Liz Knowles,
The Celtic Fiddle
(Lyrichord Discs, 1998)

Liz Knowles' debut recording sparkles with the enthusiasm of a fresh mind and a passionate spirit. This exciting new fiddler seemed to explode on the scene in the last few years, appearing as guest soloist numerous times on Riverdance, on the soundtrack to the movie Michael Collins, teaming up with Ensemble Galilei and the Sirius String Quartet, and most recently joining the John Whelan Band. Her popularity is well-earned, however, as is evident from the extraordinary playing on the recording.
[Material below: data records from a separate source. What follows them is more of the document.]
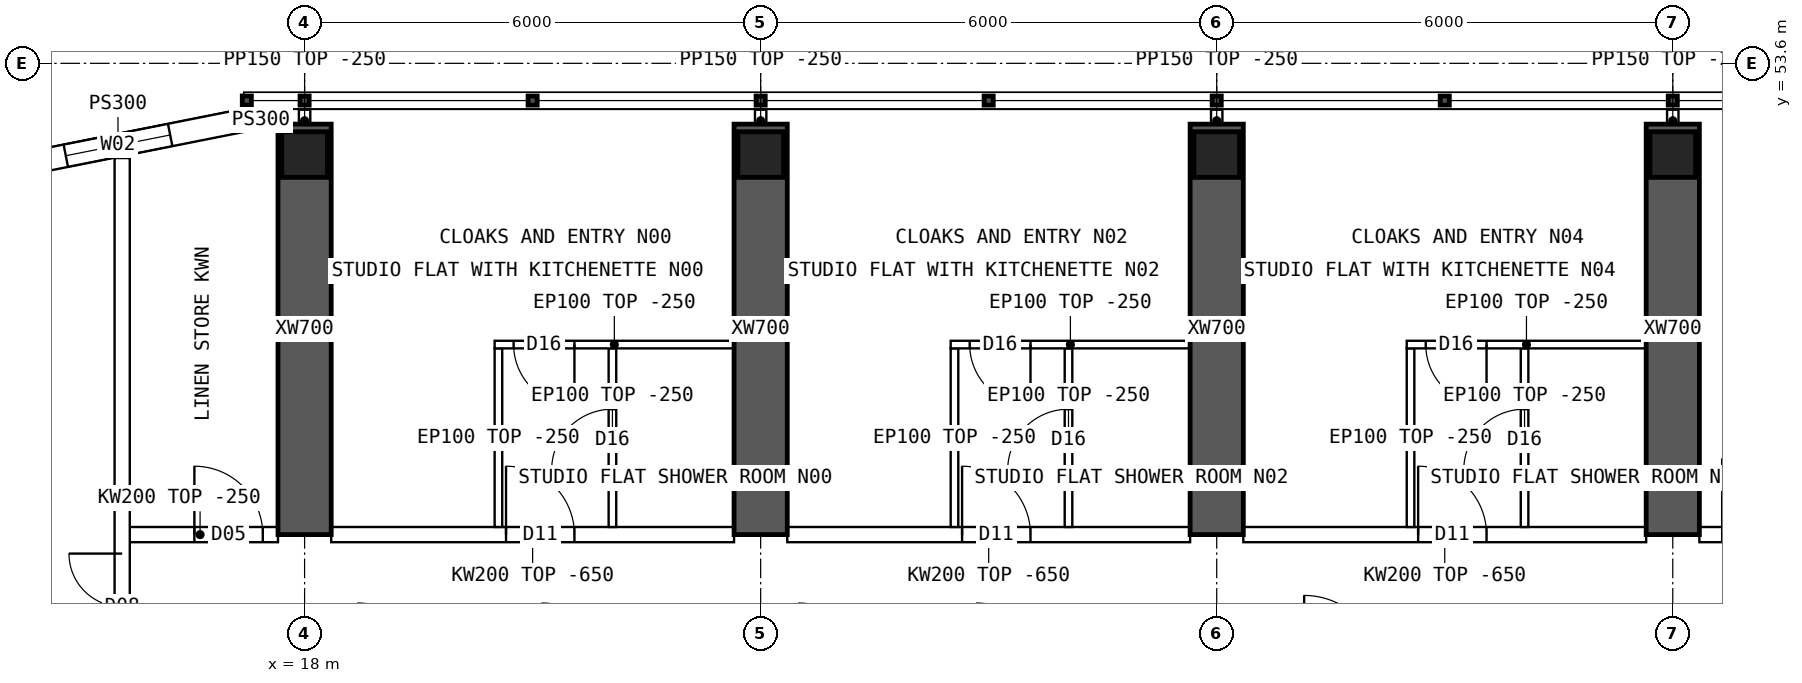
"""IFC4 building model, lengths in metres.
Left out: names, types, materials, properties, quantities, classifications, styles, units other than length and angle.
Written with IfcOpenShell. Run it as: python <this file> out.ifc"""

import sys

from ifc_helpers import new_model, si_unit, direction, frame, frame_2d, origin, origin_2d, place, context, subcontext, project, spatial, polyline, rectangle, hollow_rectangle, outline, extrude, element, fill, save


model = new_model("IFC4")
c1 = context("Model", 3, precision=1e-05, world=origin(), true_north=direction((0.0, 1.0)))
c2 = subcontext(c1, "Body", "Model", "MODEL_VIEW")
j1 = project(units=[si_unit("LENGTHUNIT", "METRE"), si_unit("PLANEANGLEUNIT", "RADIAN")], contexts=[c1])
p1 = place(None, origin())
s1 = spatial("IfcSite", under=j1, at=p1, CompositionType="ELEMENT")
p2 = place(p1, origin())
s2 = spatial("IfcBuilding", under=s1, at=p2, CompositionType="ELEMENT")
p3 = place(p2, frame((0.0, 0.0, 246.55)))
s3 = spatial("IfcBuildingStorey", under=s2, at=p3, CompositionType="ELEMENT", Elevation=246.55)
for number, where, z_axis, x_axis in (
    (1, (18.0, 52.4, 0.0), (0.0, 0.0, 1.0), (1.0, 0.0, 0.0)),
    (2, (24.0, 52.4, 0.0), (0.0, 0.0, 1.0), (1.0, 0.0, 0.0)),
    (3, (30.0, 52.4, 0.0), (0.0, 0.0, 1.0), (1.0, 0.0, 0.0)),
    (4, (36.0, 52.4, 0.0), (0.0, 0.0, 1.0), (1.0, 0.0, 0.0)),
):
    element("IfcColumn", number, at=place(p3, frame(where, z_axis=z_axis, x_axis=x_axis)), inside=s3, PredefinedType="COLUMN", context=c2, shape_type="SweptSolid", body=[
        extrude(hollow_rectangle(XDim=0.6, YDim=0.6, WallThickness=0.06, at=origin_2d()), origin(), (0.0, 0.0, 1.0), 3.75),
    ])
for number, where, z_axis, x_axis in (
    (5, (18.0, 47.4, 0.0), (0.0, 0.0, 1.0), (0.0, 1.0, 0.0)),
    (6, (24.0, 47.4, 0.0), (0.0, 0.0, 1.0), (0.0, 1.0, 0.0)),
    (7, (30.0, 47.4, 0.0), (0.0, 0.0, 1.0), (0.0, 1.0, 0.0)),
    (8, (36.0, 47.4, 0.0), (0.0, 0.0, 1.0), (0.0, 1.0, 0.0)),
):
    element("IfcWall", number, at=place(p3, frame(where, z_axis=z_axis, x_axis=x_axis)), inside=s3, PredefinedType="SHEAR", context=c2, shape_type="SweptSolid", body=[
        extrude(rectangle(XDim=5.4, YDim=0.7, at=frame_2d((2.7, 0.0))), origin(), (0.0, 0.0, 1.0), 3.75),
    ])
p4 = place(p3, frame((17.2, 52.85, 0.0), z_axis=(0.0, 0.0, 1.0), x_axis=(-0.98078325777, -0.195100490205, 0.0)))
e9 = element("IfcWall", 9, at=p4, inside=s3, PredefinedType="SOLIDWALL", context=c2, shape_type="SweptSolid", body=[
    extrude(outline(polyline([(-0.03, -0.15), (3.405, -0.15), (3.345, 0.15), (0.03, 0.15), (-0.03, -0.15)])), origin(), (0.0, 0.0, 1.0), 3.5),
])
p5 = place(p4, frame((0.988, 0.0, 0.9)))
e10 = element("IfcOpeningElement", 10, at=p5, cuts=e9, PredefinedType="OPENING", context=c2, shape_type="SweptSolid", body=[
    extrude(rectangle(XDim=1.4, YDim=1.8, at=frame_2d((0.7, 0.9))), frame((0.0, 0.16, 0.0), z_axis=(0.0, -1.0, 0.0), x_axis=(1.0, 0.0, 0.0)), (0.0, 0.0, 1.0), 0.32),
])
p6 = place(p3, frame((17.2, 52.85, 0.0), z_axis=(0.0, 0.0, 1.0), x_axis=(1.0, 0.0, 0.0)))
e11 = element("IfcWall", 11, at=p6, inside=s3, PredefinedType="SOLIDWALL", context=c2, shape_type="SweptSolid", body=[
    extrude(rectangle(XDim=0.45, YDim=0.3, at=frame_2d((0.225, 0.0))), origin(), (0.0, 0.0, 1.0), 3.5),
])
p7 = place(p3, frame((15.6, 47.4, 0.0), z_axis=(0.0, 0.0, 1.0), x_axis=(1.0, 0.0, 0.0)))
e12 = element("IfcWall", 12, at=p7, inside=s3, PredefinedType="SOLIDWALL", context=c2, shape_type="SweptSolid", body=[
    extrude(rectangle(XDim=2.05, YDim=0.2, at=frame_2d((1.025, 0.0))), origin(), (0.0, 0.0, 1.0), 3.5),
])
p8 = place(p7, frame((0.95, 0.0, 0.0)))
e13 = element("IfcOpeningElement", 13, at=p8, cuts=e12, PredefinedType="OPENING", context=c2, shape_type="SweptSolid", body=[
    extrude(rectangle(XDim=0.9, YDim=2.1, at=frame_2d((0.45, 1.05))), frame((0.0, 0.11, 0.0), z_axis=(0.0, -1.0, 0.0), x_axis=(1.0, 0.0, 0.0)), (0.0, 0.0, 1.0), 0.22),
])
p9 = place(p3, frame((18.35, 47.4, 0.0), z_axis=(0.0, 0.0, 1.0), x_axis=(1.0, 0.0, 0.0)))
e14 = element("IfcWall", 14, at=p9, inside=s3, PredefinedType="SOLIDWALL", context=c2, shape_type="SweptSolid", body=[
    extrude(outline(polyline([(0.0, 0.0), (5.3, 0.0), (5.3, 3.1), (0.0, 3.1), (0.0, 0.0)])), frame((0.0, 0.1, 0.0), z_axis=(0.0, -1.0, 0.0), x_axis=(1.0, 0.0, 0.0)), (0.0, 0.0, 1.0), 0.2),
])
p10 = place(p9, frame((2.3, 0.0, 0.0)))
e15 = element("IfcOpeningElement", 15, at=p10, cuts=e14, PredefinedType="OPENING", context=c2, shape_type="SweptSolid", body=[
    extrude(rectangle(XDim=0.9, YDim=2.1, at=frame_2d((0.45, 1.05))), frame((0.0, 0.11, 0.0), z_axis=(0.0, -1.0, 0.0), x_axis=(1.0, 0.0, 0.0)), (0.0, 0.0, 1.0), 0.22),
])
p11 = place(p3, frame((24.35, 47.4, 0.0), z_axis=(0.0, 0.0, 1.0), x_axis=(1.0, 0.0, 0.0)))
e16 = element("IfcWall", 16, at=p11, inside=s3, PredefinedType="SOLIDWALL", context=c2, shape_type="SweptSolid", body=[
    extrude(outline(polyline([(0.0, 0.0), (5.3, 0.0), (5.3, 3.1), (0.0, 3.1), (0.0, 0.0)])), frame((0.0, 0.1, 0.0), z_axis=(0.0, -1.0, 0.0), x_axis=(1.0, 0.0, 0.0)), (0.0, 0.0, 1.0), 0.2),
])
p12 = place(p11, frame((2.3, 0.0, 0.0)))
e17 = element("IfcOpeningElement", 17, at=p12, cuts=e16, PredefinedType="OPENING", context=c2, shape_type="SweptSolid", body=[
    extrude(rectangle(XDim=0.9, YDim=2.1, at=frame_2d((0.45, 1.05))), frame((0.0, 0.11, 0.0), z_axis=(0.0, -1.0, 0.0), x_axis=(1.0, 0.0, 0.0)), (0.0, 0.0, 1.0), 0.22),
])
p13 = place(p3, frame((30.35, 47.4, 0.0), z_axis=(0.0, 0.0, 1.0), x_axis=(1.0, 0.0, 0.0)))
e18 = element("IfcWall", 18, at=p13, inside=s3, PredefinedType="SOLIDWALL", context=c2, shape_type="SweptSolid", body=[
    extrude(outline(polyline([(0.0, 0.0), (5.3, 0.0), (5.3, 3.1), (0.0, 3.1), (0.0, 0.0)])), frame((0.0, 0.1, 0.0), z_axis=(0.0, -1.0, 0.0), x_axis=(1.0, 0.0, 0.0)), (0.0, 0.0, 1.0), 0.2),
])
p14 = place(p13, frame((2.3, 0.0, 0.0)))
e19 = element("IfcOpeningElement", 19, at=p14, cuts=e18, PredefinedType="OPENING", context=c2, shape_type="SweptSolid", body=[
    extrude(rectangle(XDim=0.9, YDim=2.1, at=frame_2d((0.45, 1.05))), frame((0.0, 0.11, 0.0), z_axis=(0.0, -1.0, 0.0), x_axis=(1.0, 0.0, 0.0)), (0.0, 0.0, 1.0), 0.22),
])
p15 = place(p3, frame((36.35, 47.4, 0.0), z_axis=(0.0, 0.0, 1.0), x_axis=(1.0, 0.0, 0.0)))
e20 = element("IfcWall", 20, at=p15, inside=s3, PredefinedType="SOLIDWALL", context=c2, shape_type="SweptSolid", body=[
    extrude(outline(polyline([(0.0, 0.0), (5.3, 0.0), (5.3, 3.1), (0.0, 3.1), (0.0, 0.0)])), frame((0.0, 0.1, 0.0), z_axis=(0.0, -1.0, 0.0), x_axis=(1.0, 0.0, 0.0)), (0.0, 0.0, 1.0), 0.2),
])
p16 = place(p15, frame((0.3, 0.0, 0.0)))
e21 = element("IfcOpeningElement", 21, at=p16, cuts=e20, PredefinedType="OPENING", context=c2, shape_type="SweptSolid", body=[
    extrude(rectangle(XDim=1.0, YDim=2.1, at=frame_2d((0.5, 1.05))), frame((0.0, 0.11, 0.0), z_axis=(0.0, -1.0, 0.0), x_axis=(1.0, 0.0, 0.0)), (0.0, 0.0, 1.0), 0.22),
])
p17 = place(p3, frame((20.5, 49.9, 0.0), z_axis=(0.0, 0.0, 1.0), x_axis=(1.0, 0.0, 0.0)))
e22 = element("IfcWall", 22, at=p17, inside=s3, PredefinedType="PARTITIONING", context=c2, shape_type="SweptSolid", body=[
    extrude(rectangle(XDim=3.15, YDim=0.1, at=frame_2d((1.575, 0.0))), origin(), (0.0, 0.0, 1.0), 3.5),
])
p18 = place(p17, frame((0.25, 0.0, 0.0)))
e23 = element("IfcOpeningElement", 23, at=p18, cuts=e22, PredefinedType="OPENING", context=c2, shape_type="SweptSolid", body=[
    extrude(rectangle(XDim=0.8, YDim=2.1, at=frame_2d((0.4, 1.05))), frame((0.0, 0.06, 0.0), z_axis=(0.0, -1.0, 0.0), x_axis=(1.0, 0.0, 0.0)), (0.0, 0.0, 1.0), 0.12),
])
p19 = place(p3, frame((20.55, 49.85, 0.0), z_axis=(0.0, 0.0, 1.0), x_axis=(0.0, -1.0, 0.0)))
e24 = element("IfcWall", 24, at=p19, inside=s3, PredefinedType="PARTITIONING", context=c2, shape_type="SweptSolid", body=[
    extrude(outline(polyline([(0.0, 0.0), (2.35, 0.0), (2.35, 3.1), (2.302, 3.1), (2.3, 3.5), (0.0, 3.5), (0.0, 0.0)])), frame((0.0, 0.05, 0.0), z_axis=(0.0, -1.0, 0.0), x_axis=(1.0, 0.0, 0.0)), (0.0, 0.0, 1.0), 0.1),
])
p20 = place(p3, frame((22.05, 49.85, 0.0), z_axis=(0.0, 0.0, 1.0), x_axis=(0.0, -1.0, 0.0)))
e25 = element("IfcWall", 25, at=p20, inside=s3, PredefinedType="PARTITIONING", context=c2, shape_type="SweptSolid", body=[
    extrude(outline(polyline([(0.0, 0.0), (2.35, 0.0), (2.35, 3.1), (2.302, 3.1), (2.3, 3.5), (0.0, 3.5), (0.0, 0.0)])), frame((0.0, 0.05, 0.0), z_axis=(0.0, -1.0, 0.0), x_axis=(1.0, 0.0, 0.0)), (0.0, 0.0, 1.0), 0.1),
])
p21 = place(p20, frame((0.8, 0.0, 0.0)))
e26 = element("IfcOpeningElement", 26, at=p21, cuts=e25, PredefinedType="OPENING", context=c2, shape_type="SweptSolid", body=[
    extrude(rectangle(XDim=0.8, YDim=2.1, at=frame_2d((0.4, 1.05))), frame((0.0, 0.06, 0.0), z_axis=(0.0, -1.0, 0.0), x_axis=(1.0, 0.0, 0.0)), (0.0, 0.0, 1.0), 0.12),
])
p22 = place(p3, frame((26.5, 49.9, 0.0), z_axis=(0.0, 0.0, 1.0), x_axis=(1.0, 0.0, 0.0)))
e27 = element("IfcWall", 27, at=p22, inside=s3, PredefinedType="PARTITIONING", context=c2, shape_type="SweptSolid", body=[
    extrude(rectangle(XDim=3.15, YDim=0.1, at=frame_2d((1.575, 0.0))), origin(), (0.0, 0.0, 1.0), 3.5),
])
p23 = place(p22, frame((0.25, 0.0, 0.0)))
e28 = element("IfcOpeningElement", 28, at=p23, cuts=e27, PredefinedType="OPENING", context=c2, shape_type="SweptSolid", body=[
    extrude(rectangle(XDim=0.8, YDim=2.1, at=frame_2d((0.4, 1.05))), frame((0.0, 0.06, 0.0), z_axis=(0.0, -1.0, 0.0), x_axis=(1.0, 0.0, 0.0)), (0.0, 0.0, 1.0), 0.12),
])
p24 = place(p3, frame((26.55, 49.85, 0.0), z_axis=(0.0, 0.0, 1.0), x_axis=(0.0, -1.0, 0.0)))
e29 = element("IfcWall", 29, at=p24, inside=s3, PredefinedType="PARTITIONING", context=c2, shape_type="SweptSolid", body=[
    extrude(outline(polyline([(0.0, 0.0), (2.35, 0.0), (2.35, 3.1), (2.302, 3.1), (2.3, 3.5), (0.0, 3.5), (0.0, 0.0)])), frame((0.0, 0.05, 0.0), z_axis=(0.0, -1.0, 0.0), x_axis=(1.0, 0.0, 0.0)), (0.0, 0.0, 1.0), 0.1),
])
p25 = place(p3, frame((28.05, 49.85, 0.0), z_axis=(0.0, 0.0, 1.0), x_axis=(0.0, -1.0, 0.0)))
e30 = element("IfcWall", 30, at=p25, inside=s3, PredefinedType="PARTITIONING", context=c2, shape_type="SweptSolid", body=[
    extrude(outline(polyline([(0.0, 0.0), (2.35, 0.0), (2.35, 3.1), (2.302, 3.1), (2.3, 3.5), (0.0, 3.5), (0.0, 0.0)])), frame((0.0, 0.05, 0.0), z_axis=(0.0, -1.0, 0.0), x_axis=(1.0, 0.0, 0.0)), (0.0, 0.0, 1.0), 0.1),
])
p26 = place(p25, frame((0.8, 0.0, 0.0)))
e31 = element("IfcOpeningElement", 31, at=p26, cuts=e30, PredefinedType="OPENING", context=c2, shape_type="SweptSolid", body=[
    extrude(rectangle(XDim=0.8, YDim=2.1, at=frame_2d((0.4, 1.05))), frame((0.0, 0.06, 0.0), z_axis=(0.0, -1.0, 0.0), x_axis=(1.0, 0.0, 0.0)), (0.0, 0.0, 1.0), 0.12),
])
p27 = place(p3, frame((32.5, 49.9, 0.0), z_axis=(0.0, 0.0, 1.0), x_axis=(1.0, 0.0, 0.0)))
e32 = element("IfcWall", 32, at=p27, inside=s3, PredefinedType="PARTITIONING", context=c2, shape_type="SweptSolid", body=[
    extrude(rectangle(XDim=3.15, YDim=0.1, at=frame_2d((1.575, 0.0))), origin(), (0.0, 0.0, 1.0), 3.5),
])
p28 = place(p27, frame((0.25, 0.0, 0.0)))
e33 = element("IfcOpeningElement", 33, at=p28, cuts=e32, PredefinedType="OPENING", context=c2, shape_type="SweptSolid", body=[
    extrude(rectangle(XDim=0.8, YDim=2.1, at=frame_2d((0.4, 1.05))), frame((0.0, 0.06, 0.0), z_axis=(0.0, -1.0, 0.0), x_axis=(1.0, 0.0, 0.0)), (0.0, 0.0, 1.0), 0.12),
])
p29 = place(p3, frame((32.55, 49.85, 0.0), z_axis=(0.0, 0.0, 1.0), x_axis=(0.0, -1.0, 0.0)))
e34 = element("IfcWall", 34, at=p29, inside=s3, PredefinedType="PARTITIONING", context=c2, shape_type="SweptSolid", body=[
    extrude(outline(polyline([(0.0, 0.0), (2.35, 0.0), (2.35, 3.1), (2.302, 3.1), (2.3, 3.5), (0.0, 3.5), (0.0, 0.0)])), frame((0.0, 0.05, 0.0), z_axis=(0.0, -1.0, 0.0), x_axis=(1.0, 0.0, 0.0)), (0.0, 0.0, 1.0), 0.1),
])
p30 = place(p3, frame((34.05, 49.85, 0.0), z_axis=(0.0, 0.0, 1.0), x_axis=(0.0, -1.0, 0.0)))
e35 = element("IfcWall", 35, at=p30, inside=s3, PredefinedType="PARTITIONING", context=c2, shape_type="SweptSolid", body=[
    extrude(outline(polyline([(0.0, 0.0), (2.35, 0.0), (2.35, 3.1), (2.302, 3.1), (2.3, 3.5), (0.0, 3.5), (0.0, 0.0)])), frame((0.0, 0.05, 0.0), z_axis=(0.0, -1.0, 0.0), x_axis=(1.0, 0.0, 0.0)), (0.0, 0.0, 1.0), 0.1),
])
p31 = place(p30, frame((0.8, 0.0, 0.0)))
e36 = element("IfcOpeningElement", 36, at=p31, cuts=e35, PredefinedType="OPENING", context=c2, shape_type="SweptSolid", body=[
    extrude(rectangle(XDim=0.8, YDim=2.1, at=frame_2d((0.4, 1.05))), frame((0.0, 0.06, 0.0), z_axis=(0.0, -1.0, 0.0), x_axis=(1.0, 0.0, 0.0)), (0.0, 0.0, 1.0), 0.12),
])
p32 = place(p3, frame((15.6, 11.646, 0.0), z_axis=(0.0, 0.0, 1.0), x_axis=(0.0, 1.0, 0.0)))
e37 = element("IfcWall", 37, at=p32, inside=s3, PredefinedType="SOLIDWALL", context=c2, shape_type="SweptSolid", body=[
    extrude(rectangle(XDim=40.708, YDim=0.2, at=frame_2d((20.354, 0.0))), origin(), (0.0, 0.0, 1.0), 3.5),
])
p33 = place(p32, frame((5.104, 0.0, 0.0)))
e38 = element("IfcOpeningElement", 38, at=p33, cuts=e37, PredefinedType="OPENING", context=c2, shape_type="SweptSolid", body=[
    extrude(rectangle(XDim=1.4, YDim=2.1, at=frame_2d((0.7, 1.05))), frame((0.0, 0.11, 0.0), z_axis=(0.0, -1.0, 0.0), x_axis=(1.0, 0.0, 0.0)), (0.0, 0.0, 1.0), 0.22),
])
p34 = place(p32, frame((34.104, 0.0, 0.0)))
e39 = element("IfcOpeningElement", 39, at=p34, cuts=e37, PredefinedType="OPENING", context=c2, shape_type="SweptSolid", body=[
    extrude(rectangle(XDim=1.4, YDim=2.1, at=frame_2d((0.7, 1.05))), frame((0.0, 0.11, 0.0), z_axis=(0.0, -1.0, 0.0), x_axis=(1.0, 0.0, 0.0)), (0.0, 0.0, 1.0), 0.22),
])
for number, where, z_axis, x_axis in (
    (40, (18.0, 52.7, 0.0), (0.0, 0.0, 1.0), (0.0, 1.0, 0.0)),
    (41, (24.0, 52.7, 0.0), (0.0, 0.0, 1.0), (0.0, 1.0, 0.0)),
    (42, (30.0, 52.7, 0.0), (0.0, 0.0, 1.0), (0.0, 1.0, 0.0)),
    (43, (36.0, 52.7, 0.0), (0.0, 0.0, 1.0), (0.0, 1.0, 0.0)),
):
    element("IfcWall", number, at=place(p3, frame(where, z_axis=z_axis, x_axis=x_axis)), inside=s3, PredefinedType="PARTITIONING", context=c2, shape_type="SweptSolid", body=[
        extrude(rectangle(XDim=0.29, YDim=0.15, at=frame_2d((0.145, 0.0))), origin(), (0.0, 0.0, 1.0), 3.5),
    ])
p35 = place(p5, origin())
e44 = element("IfcWindow", 44, at=p35, inside=s3, PartitioningType="SINGLE_PANEL", PredefinedType="WINDOW", context=c2, shape_type="SweptSolid", body=[
    extrude(rectangle(XDim=1.4, YDim=1.8, at=frame_2d((0.7, 0.9))), frame((0.0, 0.03, 0.0), z_axis=(0.0, -1.0, 0.0), x_axis=(1.0, 0.0, 0.0)), (0.0, 0.0, 1.0), 0.06),
])
fill(e10, e44)
p36 = place(p18, origin())
e45 = element("IfcDoor", 45, at=p36, inside=s3, OperationType="SINGLE_SWING_RIGHT", PredefinedType="DOOR", context=c2, shape_type="SweptSolid", body=[
    extrude(rectangle(XDim=0.8, YDim=2.1, at=frame_2d((0.4, 1.05))), frame((0.0, 0.025, 0.0), z_axis=(0.0, -1.0, 0.0), x_axis=(1.0, 0.0, 0.0)), (0.0, 0.0, 1.0), 0.05),
])
fill(e23, e45)
p37 = place(p21, origin())
e46 = element("IfcDoor", 46, at=p37, inside=s3, OperationType="SINGLE_SWING_RIGHT", PredefinedType="DOOR", context=c2, shape_type="SweptSolid", body=[
    extrude(rectangle(XDim=0.8, YDim=2.1, at=frame_2d((0.4, 1.05))), frame((0.0, 0.025, 0.0), z_axis=(0.0, -1.0, 0.0), x_axis=(1.0, 0.0, 0.0)), (0.0, 0.0, 1.0), 0.05),
])
fill(e26, e46)
p38 = place(p10, origin())
e47 = element("IfcDoor", 47, at=p38, inside=s3, OperationType="SINGLE_SWING_LEFT", PredefinedType="DOOR", context=c2, shape_type="SweptSolid", body=[
    extrude(rectangle(XDim=0.9, YDim=2.1, at=frame_2d((0.45, 1.05))), frame((0.0, 0.025, 0.0), z_axis=(0.0, -1.0, 0.0), x_axis=(1.0, 0.0, 0.0)), (0.0, 0.0, 1.0), 0.05),
])
fill(e15, e47)
p39 = place(p23, origin())
e48 = element("IfcDoor", 48, at=p39, inside=s3, OperationType="SINGLE_SWING_RIGHT", PredefinedType="DOOR", context=c2, shape_type="SweptSolid", body=[
    extrude(rectangle(XDim=0.8, YDim=2.1, at=frame_2d((0.4, 1.05))), frame((0.0, 0.025, 0.0), z_axis=(0.0, -1.0, 0.0), x_axis=(1.0, 0.0, 0.0)), (0.0, 0.0, 1.0), 0.05),
])
fill(e28, e48)
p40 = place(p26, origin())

Tutors Brian Connolly and Eileen Ivers are undoubtedly proud.

The selection of guests on the recording is impeccable. Including such notables as Joanie Madden on flute and whistles, Chris Cunningham on guitar, and John Whelan on box, the background instrumentals show talent and musicianship equal to the soloist. This balance can be so vital to a recording, and is often an overlooked aspect of making a solo recording.

One of the most fascinating aspects of this album is the choice of tunes. In the eight tracks containing traditional music, Ms. Knowles explores a wide variety of melodic lines, cadences, and rhythms. Take "The Crooked Road," which begins with a light and airy calypso-like rhythm, and ends with a driving Celtic beat on the second tune. "My Darling Asleep" teams the provocative sound of Knowles' fiddle with the gentle, wispy accompaniment of Sue Richards' harp on the opening tune, Turlough O'Carolan's "Dr. John Hart." This gently leads the listener to a slow but lilting duet on "Knocknagow" and a more bouncy version of "My Darling Asleep."

Equally intriguing are the Liz Knowles originals, including a fiery set of jigs, complete with shaker and conga percussion on "Jigs for John," and a deeply emotional and introspective air entitled "The Gift of Falling." The latter explores the mixed blessing of time off due to a broken collarbone from a horseback riding accident. The track's depth and charm are greatly enhanced with Des Moore's guitar and Michelle Kinney's cello.

The true stand-out on this recording is the Middle-Eastern sounding "Laz." This unusual traditional (not Celtic) dance tune sports a fascinating seven-beat rhythm, which the instrumentalists have woven back and forth with a jig beat. The instrumentation of Uillean pipes, ney, guitar, bass, percussion, and fiddle lead to an exotic, earthy sound.

As with many solo fiddle recordings, this tends to be occasionally mixed a little heavily on the fiddle, leaving some of the other instruments struggling to be heard. Also, the fiddle never really gives up the lead to another instrument, which would add a nice variety of sound now and again. Despite these minor complaints, Liz Knowles' fire and vibrant energy shine through every track, and she will keep your toes tapping throughout the whole recording.